Fosfomycin has in vitro activity against a broad range of gram-positive and gram-negative aerobic microorganisms, associated with uncomplicated urinary tract infections. Fosfomycin Trometamol is a phosphonic acid derivative. It is a synthetic, broad spectrum, bactericidal antibiotic for oral administration. The bactericidal action of Fosfomycin is due to its inactivation of the enzyme enolpyruvyl transferase, thereby irreversibly blocking the condensation of uridine diphosphate N-acetylglucosamine with p-enolpyruvate, one of the first steps in bacterial cell wall synthesis.

Dosage & Administration

The recommended dosage for women 18 years of age and older for acute cystitis is one sachet of Fosfomycin with or without food. This medicine should not used in children.
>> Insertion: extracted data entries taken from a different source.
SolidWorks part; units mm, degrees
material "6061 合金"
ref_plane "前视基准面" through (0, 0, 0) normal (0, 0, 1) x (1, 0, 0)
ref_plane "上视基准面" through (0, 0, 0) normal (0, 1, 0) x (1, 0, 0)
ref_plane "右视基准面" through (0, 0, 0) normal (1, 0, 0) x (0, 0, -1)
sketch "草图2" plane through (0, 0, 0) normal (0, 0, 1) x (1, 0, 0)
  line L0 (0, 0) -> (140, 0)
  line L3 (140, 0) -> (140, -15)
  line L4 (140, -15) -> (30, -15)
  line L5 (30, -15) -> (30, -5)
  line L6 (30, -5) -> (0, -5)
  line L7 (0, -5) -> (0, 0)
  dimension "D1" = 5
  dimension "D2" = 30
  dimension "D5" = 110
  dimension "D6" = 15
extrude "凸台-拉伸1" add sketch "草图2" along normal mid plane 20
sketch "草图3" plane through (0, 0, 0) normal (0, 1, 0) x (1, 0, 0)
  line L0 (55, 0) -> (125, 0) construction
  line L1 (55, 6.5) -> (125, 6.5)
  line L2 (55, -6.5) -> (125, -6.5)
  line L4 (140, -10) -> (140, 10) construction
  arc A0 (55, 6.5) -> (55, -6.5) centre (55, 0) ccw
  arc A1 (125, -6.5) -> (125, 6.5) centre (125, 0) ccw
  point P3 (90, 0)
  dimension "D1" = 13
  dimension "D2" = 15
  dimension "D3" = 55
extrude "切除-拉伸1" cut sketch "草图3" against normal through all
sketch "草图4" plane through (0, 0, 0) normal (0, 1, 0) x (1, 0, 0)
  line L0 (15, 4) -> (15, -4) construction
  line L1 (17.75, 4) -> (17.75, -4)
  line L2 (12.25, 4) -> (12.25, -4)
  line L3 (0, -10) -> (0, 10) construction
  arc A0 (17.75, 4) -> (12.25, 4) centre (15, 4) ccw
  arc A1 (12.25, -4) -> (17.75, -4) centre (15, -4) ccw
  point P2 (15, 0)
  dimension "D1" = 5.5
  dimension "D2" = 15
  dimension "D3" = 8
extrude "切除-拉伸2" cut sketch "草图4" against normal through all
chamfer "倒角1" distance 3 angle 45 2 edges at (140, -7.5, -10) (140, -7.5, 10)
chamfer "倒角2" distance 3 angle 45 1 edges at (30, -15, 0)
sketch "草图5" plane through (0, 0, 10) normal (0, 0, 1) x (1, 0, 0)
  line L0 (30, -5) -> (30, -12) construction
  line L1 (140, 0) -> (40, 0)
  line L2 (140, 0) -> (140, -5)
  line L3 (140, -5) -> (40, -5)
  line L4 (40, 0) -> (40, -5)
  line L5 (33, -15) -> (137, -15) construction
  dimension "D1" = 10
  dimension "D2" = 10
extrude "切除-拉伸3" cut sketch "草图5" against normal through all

Preparation: At first pour the 100 ml purified water in a glass. Then add full contents of one Fosfomycin sachet into purified water and stir to dissolve completely. Drink full mixture immediately after preparation.

Interaction

When Utifos is coadministered with metoclopramide, which increases gastrointestinal motility, lowers the serum concentration and urinary excretion of fosfomycin. Other drugs that increase gastrointestinal motility may produce similar effects.

Contraindications

Fosfomycin is contraindicated in patients with known hypersensitivity to the drug and patients with severe renal insufficiency and patients undergoing haemodialysis.

Side Effects

In clinical trials, the most frequently reported adverse events occurring in >1% of the study population regardless of drug relationship were: diarrhea 10.4%, headache 10.3%, vaginitis 7.6%, nausea 5.2%, rhinitis 4.5%, back pain 3.0%, dysmenorrhea 2.6%, pharyngitis 2.5%, dizziness 2.3%, abdominal pain 2.2%, pain 2.2%, dyspepsia 1.8%, asthenia 1.7%, and rash 1.4%.The following adverse events occurred in clinical trials at a rate of less than 1%, regardless of drug relationship: abnormal stools, anorexia, constipation, dry mouth, dysuria, ear disorder, fever, flatulence, flu syndrome, hematuria, infection, insomnia, lymphadenopathy, menstrual disorder, migraine, myalgia, nervousness, paresthesia, pruritus, SGPT increased, skin disorder, somnolence, and vomiting.

Pregnancy & Lactation

Fosfomycin is pregnancy category B. This drug should not be used during pregnancy unless the benefit outweighs the risk. A decision should be made to discontinue breastfeeding or to not administer the drug, taking into account the importance of the drug to the mother.

Precautions & Warnings

Clostridium difficile associated diarrhea (CDAD) has been reported with use of nearly all antibacterial agents, including Utifos. Treatment with antibacterial agents alters the normal flora of the colon leading to overgrowth of C. difficile. Do not use more than one single dose of Utifos to treat a single episode of acute cystitis. Repeated daily doses of Utifos did not improve the clinical success or microbiological eradication rates compared to single dose therapy, but did increase the incidence of adverse events.

Overdose Effects

When Utifos is coadministered with metoclopramide, which increases gastrointestinal motility, lowers the serum concentration and urinary excretion of fosfomycin. Other drugs that increase gastrointestinal motility may produce similar effects.

Therapeutic Class

Intracellular antibiotic

Storage Conditions

Keep out of reach of children. Store in a dry place, below 25°C temperature and protected from light.